Tuesday, January 20, 2009

Pieces on a chess board

I read once that if you show a chess master a snapshot of a game in progress for just a moment, he can re-create the placement of pieces on the board with a very high degree of accuracy. However, if you place pieces at random on a board, the chess master does no better than anyone else at correctly re-creating the arrangement.

This demonstrates that chess masters see the underlying structure of a chess position - so-and-so's opening or Knight's Gambit, call it what you will, while an ordinary person just sees chess pieces.

The message, I think, is that context is everything. Or perhaps that more is going on than meets the eye of a casual observer. Maybe both.

In another way, you can drop some techno-babble and pretty pictures into a document or presentation and concinve the casual observer or layman that it means something, while a real expert will often sense the lack of underlying structure and recognize a fraud.
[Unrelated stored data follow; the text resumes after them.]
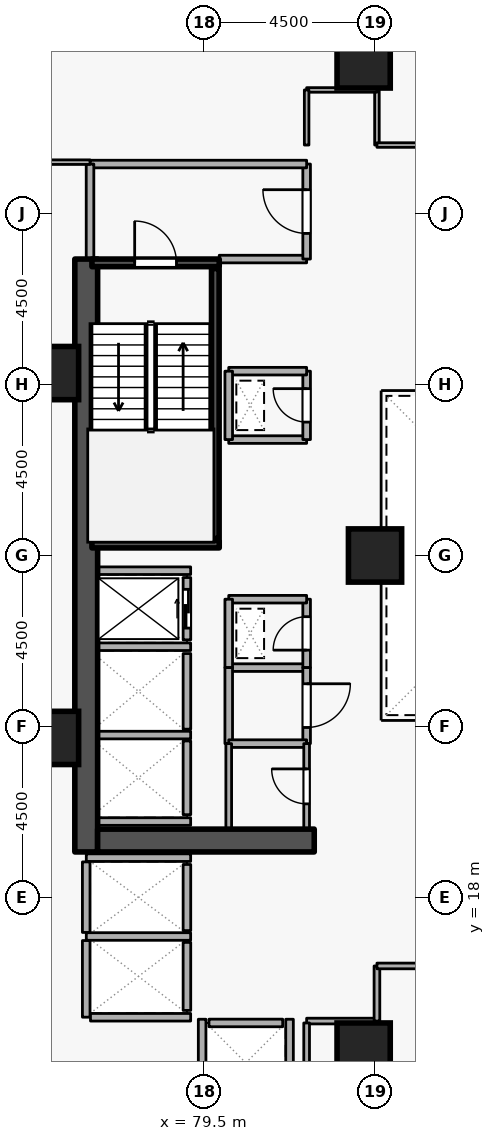
"""IFC4 building model, lengths in metres.
Left out: names, types, materials, properties, quantities, classifications, styles, units other than length and angle.
Written with IfcOpenShell. Run it as: python <this file> out.ifc"""

import sys

from ifc_helpers import new_model, si_unit, direction, frame, frame_2d, origin, origin_2d, place, context, subcontext, project, spatial, rectangle, extrude, element, fill, save


model = new_model("IFC4")
c1 = context("Model", 3, precision=1e-05, world=origin(), true_north=direction((0.0, 1.0)))
c2 = subcontext(c1, "Body", "Model", "MODEL_VIEW")
j1 = project(units=[si_unit("LENGTHUNIT", "METRE"), si_unit("PLANEANGLEUNIT", "RADIAN")], contexts=[c1])
p1 = place(None, origin())
s1 = spatial("IfcSite", under=j1, at=p1, CompositionType="ELEMENT")
p2 = place(p1, origin())
s2 = spatial("IfcBuilding", under=s1, at=p2, CompositionType="ELEMENT")
p3 = place(p2, frame((0.0, 0.0, 53.7)))
s3 = spatial("IfcBuildingStorey", under=s2, at=p3, CompositionType="ELEMENT", Elevation=53.7)
p4 = place(p3, frame((76.4, 19.2, 0.0), z_axis=(0.0, 0.0, 1.0), x_axis=(0.0, 1.0, 0.0)))
e1 = element("IfcWall", 1, at=p4, inside=s3, PredefinedType="SHEAR", context=c2, shape_type="SweptSolid", body=[
    extrude(rectangle(XDim=15.6, YDim=0.6, at=frame_2d((7.8, 0.0))), origin(), (0.0, 0.0, 1.0), 3.6),
])
p5 = place(p3, frame((76.7, 19.5, 0.0), z_axis=(0.0, 0.0, 1.0), x_axis=(1.0, 0.0, 0.0)))
e2 = element("IfcWall", 2, at=p5, inside=s3, PredefinedType="SHEAR", context=c2, shape_type="SweptSolid", body=[
    extrude(rectangle(XDim=5.7, YDim=0.6, at=frame_2d((2.85, 0.0))), origin(), (0.0, 0.0, 1.0), 3.6),
])
for number, where, z_axis, x_axis in (
    (3, (83.7, 14.0, 0.0), (0.0, 0.0, 1.0), (1.0, 0.0, 0.0)),
    (4, (83.7, 40.0, 0.0), (0.0, 0.0, 1.0), (1.0, 0.0, 0.0)),
    (5, (75.5, 22.2, 0.0), (0.0, 0.0, 1.0), (1.0, 0.0, 0.0)),
    (6, (75.5, 31.8, 0.0), (0.0, 0.0, 1.0), (1.0, 0.0, 0.0)),
    (7, (84.0, 27.0, 0.0), (0.0, 0.0, 1.0), (1.0, 0.0, 0.0)),
):
    element("IfcColumn", number, at=place(p3, frame(where, z_axis=z_axis, x_axis=x_axis)), inside=s3, PredefinedType="COLUMN", context=c2, shape_type="SweptSolid", body=[
        extrude(rectangle(XDim=1.4, YDim=1.4, at=origin_2d()), origin(), (0.0, 0.0, 1.0), 3.6),
    ])
p6 = place(p3, frame((79.05, 24.78, 0.0), z_axis=(0.0, 0.0, 1.0), x_axis=(0.0, 1.0, 0.0)))
e8 = element("IfcWall", 8, at=p6, inside=s3, PredefinedType="STANDARD", context=c2, shape_type="SweptSolid", body=[
    extrude(rectangle(XDim=1.64, YDim=0.2, at=frame_2d((0.82, 0.0))), origin(), (0.0, 0.0, 1.0), 3.34),
])
p7 = place(p6, frame((0.31, 0.0, 0.0)))
e9 = element("IfcOpeningElement", 9, at=p7, cuts=e8, PredefinedType="OPENING", context=c2, shape_type="SweptSolid", body=[
    extrude(rectangle(XDim=1.02, YDim=2.06, at=frame_2d((0.51, 1.03))), frame((0.0, 0.11, 0.0), z_axis=(0.0, -1.0, 0.0), x_axis=(1.0, 0.0, 0.0)), (0.0, 0.0, 1.0), 0.22),
])
p8 = place(p3, frame((79.05, 22.43, 0.0), z_axis=(0.0, 0.0, 1.0), x_axis=(0.0, 1.0, 0.0)))
e10 = element("IfcWall", 10, at=p8, inside=s3, PredefinedType="STANDARD", context=c2, shape_type="SweptSolid", body=[
    extrude(rectangle(XDim=1.99, YDim=0.2, at=frame_2d((0.995, 0.0))), origin(), (0.0, 0.0, 1.0), 3.34),
])
p9 = place(p3, frame((79.05, 20.18, 0.0), z_axis=(0.0, 0.0, 1.0), x_axis=(0.0, 1.0, 0.0)))
e11 = element("IfcWall", 11, at=p9, inside=s3, PredefinedType="STANDARD", context=c2, shape_type="SweptSolid", body=[
    extrude(rectangle(XDim=1.94, YDim=0.2, at=frame_2d((0.97, 0.0))), origin(), (0.0, 0.0, 1.0), 3.34),
])
p10 = place(p3, frame((79.05, 17.13, 0.0), z_axis=(0.0, 0.0, 1.0), x_axis=(0.0, 1.0, 0.0)))
e12 = element("IfcWall", 12, at=p10, inside=s3, PredefinedType="STANDARD", context=c2, shape_type="SweptSolid", body=[
    extrude(rectangle(XDim=1.74, YDim=0.2, at=frame_2d((0.87, 0.0))), origin(), (0.0, 0.0, 1.0), 3.34),
])
p11 = place(p3, frame((79.05, 15.03, 0.0), z_axis=(0.0, 0.0, 1.0), x_axis=(0.0, 1.0, 0.0)))
e13 = element("IfcWall", 13, at=p11, inside=s3, PredefinedType="STANDARD", context=c2, shape_type="SweptSolid", body=[
    extrude(rectangle(XDim=1.79, YDim=0.2, at=frame_2d((0.895, 0.0))), origin(), (0.0, 0.0, 1.0), 3.34),
])
p12 = place(p3, frame((79.63, 14.7, 0.0), z_axis=(0.0, 0.0, 1.0), x_axis=(1.0, 0.0, 0.0)))
e14 = element("IfcWall", 14, at=p12, inside=s3, PredefinedType="STANDARD", context=c2, shape_type="SweptSolid", body=[
    extrude(rectangle(XDim=1.94, YDim=0.2, at=frame_2d((0.97, 0.0))), origin(), (0.0, 0.0, 1.0), 3.34),
])
for number, where, z_axis, x_axis in (
    (15, (76.712, 26.6, 0.0), (0.0, 0.0, 1.0), (1.0, 0.0, 0.0)),
    (16, (76.712, 24.6, 0.0), (0.0, 0.0, 1.0), (1.0, 0.0, 0.0)),
    (17, (76.712, 22.275, 0.0), (0.0, 0.0, 1.0), (1.0, 0.0, 0.0)),
    (18, (76.712, 20.0, 0.0), (0.0, 0.0, 1.0), (1.0, 0.0, 0.0)),
):
    element("IfcWall", number, at=place(p3, frame(where, z_axis=z_axis, x_axis=x_axis)), inside=s3, PredefinedType="STANDARD", context=c2, shape_type="SweptSolid", body=[
        extrude(rectangle(XDim=2.436, YDim=0.2, at=frame_2d((1.218, 0.0))), origin(), (0.0, 0.0, 1.0), 3.34),
    ])
p13 = place(p3, frame((76.402, 19.05, 0.0), z_axis=(0.0, 0.0, 1.0), x_axis=(1.0, 0.0, 0.0)))
e19 = element("IfcWall", 19, at=p13, inside=s3, PredefinedType="STANDARD", context=c2, shape_type="SweptSolid", body=[
    extrude(rectangle(XDim=2.746, YDim=0.2, at=frame_2d((1.373, 0.0))), origin(), (0.0, 0.0, 1.0), 2.545),
])
p14 = place(p3, frame((76.402, 16.975, 0.0), z_axis=(0.0, 0.0, 1.0), x_axis=(1.0, 0.0, 0.0)))
e20 = element("IfcWall", 20, at=p14, inside=s3, PredefinedType="STANDARD", context=c2, shape_type="SweptSolid", body=[
    extrude(rectangle(XDim=2.746, YDim=0.2, at=frame_2d((1.373, 0.0))), origin(), (0.0, 0.0, 1.0), 3.34),
])
p15 = place(p3, frame((76.4, 14.852, 0.0), z_axis=(0.0, 0.0, 1.0), x_axis=(0.0, 1.0, 0.0)))
e21 = element("IfcWall", 21, at=p15, inside=s3, PredefinedType="STANDARD", context=c2, shape_type="SweptSolid", body=[
    extrude(rectangle(XDim=2.016, YDim=0.2, at=frame_2d((1.008, 0.0))), origin(), (0.0, 0.0, 1.0), 3.34),
])
p16 = place(p3, frame((76.4, 17.082, 0.0), z_axis=(0.0, 0.0, 1.0), x_axis=(0.0, 1.0, 0.0)))
e22 = element("IfcWall", 22, at=p16, inside=s3, PredefinedType="STANDARD", context=c2, shape_type="SweptSolid", body=[
    extrude(rectangle(XDim=1.856, YDim=0.2, at=frame_2d((0.928, 0.0))), origin(), (0.0, 0.0, 1.0), 3.34),
])
p17 = place(p3, frame((76.512, 14.85, 0.0), z_axis=(0.0, 0.0, 1.0), x_axis=(1.0, 0.0, 0.0)))
e23 = element("IfcWall", 23, at=p17, inside=s3, PredefinedType="STANDARD", context=c2, shape_type="SweptSolid", body=[
    extrude(rectangle(XDim=2.636, YDim=0.2, at=frame_2d((1.318, 0.0))), origin(), (0.0, 0.0, 1.0), 3.34),
])
for number, where, z_axis, x_axis in (
    (24, (81.75, 12.612, 0.0), (0.0, 0.0, 1.0), (0.0, 1.0, 0.0)),
    (25, (79.45, 12.612, 0.0), (0.0, 0.0, 1.0), (0.0, 1.0, 0.0)),
):
    element("IfcWall", number, at=place(p3, frame(where, z_axis=z_axis, x_axis=x_axis)), inside=s3, PredefinedType="STANDARD", context=c2, shape_type="SweptSolid", body=[
        extrude(rectangle(XDim=2.186, YDim=0.2, at=frame_2d((1.093, 0.0))), origin(), (0.0, 0.0, 1.0), 3.34),
    ])
p18 = place(p3, frame((76.55, 34.7, 0.0), z_axis=(0.0, 0.0, 1.0), x_axis=(1.0, 0.0, 0.0)))
e26 = element("IfcWall", 26, at=p18, inside=s3, PredefinedType="SHEAR", context=c2, shape_type="SweptSolid", body=[
    extrude(rectangle(XDim=3.35, YDim=0.2, at=frame_2d((1.675, 0.0))), origin(), (0.0, 0.0, 1.0), 3.6),
])
p19 = place(p18, frame((1.125, 0.0, 0.0)))
e27 = element("IfcOpeningElement", 27, at=p19, cuts=e26, PredefinedType="OPENING", context=c2, shape_type="SweptSolid", body=[
    extrude(rectangle(XDim=1.1, YDim=2.1, at=frame_2d((0.55, 1.05))), frame((0.0, 0.11, 0.0), z_axis=(0.0, -1.0, 0.0), x_axis=(1.0, 0.0, 0.0)), (0.0, 0.0, 1.0), 0.22),
])
p20 = place(p3, frame((79.9, 27.3, 0.0), z_axis=(0.0, 0.0, 1.0), x_axis=(-1.0, 0.0, 0.0)))
e28 = element("IfcWall", 28, at=p20, inside=s3, PredefinedType="SHEAR", context=c2, shape_type="SweptSolid", body=[
    extrude(rectangle(XDim=3.35, YDim=0.2, at=frame_2d((1.675, 0.0))), origin(), (0.0, 0.0, 1.0), 3.6),
])
p21 = place(p3, frame((79.797, 27.45, 0.0), z_axis=(0.0, 0.0, 1.0), x_axis=(0.0, 1.0, 0.0)))
e29 = element("IfcWall", 29, at=p21, inside=s3, PredefinedType="SHEAR", context=c2, shape_type="SweptSolid", body=[
    extrude(rectangle(XDim=7.1, YDim=0.2, at=frame_2d((3.55, 0.0))), origin(), (0.0, 0.0, 1.0), 3.6),
])
p22 = place(p3, frame((79.9, 34.8, 0.0), z_axis=(0.0, 0.0, 1.0), x_axis=(1.0, 0.0, 0.0)))
e30 = element("IfcWall", 30, at=p22, inside=s3, PredefinedType="STANDARD", context=c2, shape_type="SweptSolid", body=[
    extrude(rectangle(XDim=2.3, YDim=0.2, at=frame_2d((1.15, 0.0))), origin(), (0.0, 0.0, 1.0), 2.545),
])
p23 = place(p3, frame((82.2, 34.8, 0.0), z_axis=(0.0, 0.0, 1.0), x_axis=(0.0, 1.0, 0.0)))
e31 = element("IfcWall", 31, at=p23, inside=s3, PredefinedType="STANDARD", context=c2, shape_type="SweptSolid", body=[
    extrude(rectangle(XDim=2.5, YDim=0.2, at=frame_2d((1.25, 0.0))), origin(), (0.0, 0.0, 1.0), 3.34),
])
p24 = place(p23, frame((0.675, 0.0, 0.0)))
e32 = element("IfcOpeningElement", 32, at=p24, cuts=e31, PredefinedType="OPENING", context=c2, shape_type="SweptSolid", body=[
    extrude(rectangle(XDim=1.15, YDim=2.1, at=frame_2d((0.575, 1.05))), frame((0.0, 0.11, 0.0), z_axis=(0.0, -1.0, 0.0), x_axis=(1.0, 0.0, 0.0)), (0.0, 0.0, 1.0), 0.22),
])
p25 = place(p3, frame((82.2, 37.3, 0.0), z_axis=(0.0, 0.0, 1.0), x_axis=(-1.0, 0.0, 0.0)))
e33 = element("IfcWall", 33, at=p25, inside=s3, PredefinedType="STANDARD", context=c2, shape_type="SweptSolid", body=[
    extrude(rectangle(XDim=5.7, YDim=0.2, at=frame_2d((2.85, 0.0))), origin(), (0.0, 0.0, 1.0), 3.34),
])
p26 = place(p3, frame((76.5, 37.3, 0.0), z_axis=(0.0, 0.0, 1.0), x_axis=(0.0, -1.0, 0.0)))
e34 = element("IfcWall", 34, at=p26, inside=s3, PredefinedType="STANDARD", context=c2, shape_type="SweptSolid", body=[
    extrude(rectangle(XDim=2.5, YDim=0.2, at=frame_2d((1.25, 0.0))), origin(), (0.0, 0.0, 1.0), 3.34),
])
p27 = place(p3, frame((80.15, 24.05, 0.0), z_axis=(0.0, 0.0, 1.0), x_axis=(1.0, 0.0, 0.0)))
e35 = element("IfcWall", 35, at=p27, inside=s3, PredefinedType="STANDARD", context=c2, shape_type="SweptSolid", body=[
    extrude(rectangle(XDim=2.05, YDim=0.2, at=frame_2d((1.025, 0.0))), origin(), (0.0, 0.0, 1.0), 3.34),
])
p28 = place(p3, frame((82.2, 24.05, 0.0), z_axis=(0.0, 0.0, 1.0), x_axis=(0.0, 1.0, 0.0)))
e36 = element("IfcWall", 36, at=p28, inside=s3, PredefinedType="STANDARD", context=c2, shape_type="SweptSolid", body=[
    extrude(rectangle(XDim=1.8, YDim=0.2, at=frame_2d((0.9, 0.0))), origin(), (0.0, 0.0, 1.0), 3.34),
])
p29 = place(p28, frame((0.46, 0.0, 0.0)))
e37 = element("IfcOpeningElement", 37, at=p29, cuts=e36, PredefinedType="OPENING", context=c2, shape_type="SweptSolid", body=[
    extrude(rectangle(XDim=0.88, YDim=2.04, at=frame_2d((0.44, 1.02))), frame((0.0, 0.11, 0.0), z_axis=(0.0, -1.0, 0.0), x_axis=(1.0, 0.0, 0.0)), (0.0, 0.0, 1.0), 0.22),
])
p30 = place(p3, frame((82.2, 25.85, 0.0), z_axis=(0.0, 0.0, 1.0), x_axis=(-1.0, 0.0, 0.0)))
e38 = element("IfcWall", 38, at=p30, inside=s3, PredefinedType="STANDARD", context=c2, shape_type="SweptSolid", body=[
    extrude(rectangle(XDim=2.05, YDim=0.2, at=frame_2d((1.025, 0.0))), origin(), (0.0, 0.0, 1.0), 3.34),
])
p31 = place(p3, frame((80.15, 25.85, 0.0), z_axis=(0.0, 0.0, 1.0), x_axis=(0.0, -1.0, 0.0)))
e39 = element("IfcWall", 39, at=p31, inside=s3, PredefinedType="STANDARD", context=c2, shape_type="SweptSolid", body=[
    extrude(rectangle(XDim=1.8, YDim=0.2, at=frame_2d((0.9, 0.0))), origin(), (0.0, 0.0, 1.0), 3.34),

But the world is so complex that experts in any given field are rare. We're taught that vox populi is vox dei - but the majority of people can be tricked on any given subject. If the real experts aren't paying attention to the public or aren't as good at painting pictures for public consumption, the public will go with what it is shown - the fraud. I think that the fact that we've begun to accept that the universe is far bigger and more complex than we ever imagined before makes the problem worse - not only is there more to know, but things that are illogical on their face are often true. The world being flat makes more intuitive sense than the world being round - else why don't we fall off? Yet it is round. We accept that. And so we move on to accept more and more things that are less and less likely at first glance. Most of them are true.

Now along comes the internet - the ultimate test of the theory that an infinite number of primates at an infinite number of keyboards... suddenly all the information in the world is out there. Experts have no more voice than anyone else - just one person on a forum.

So how do we know what to believe when it comes to things we ourselves are not experts in?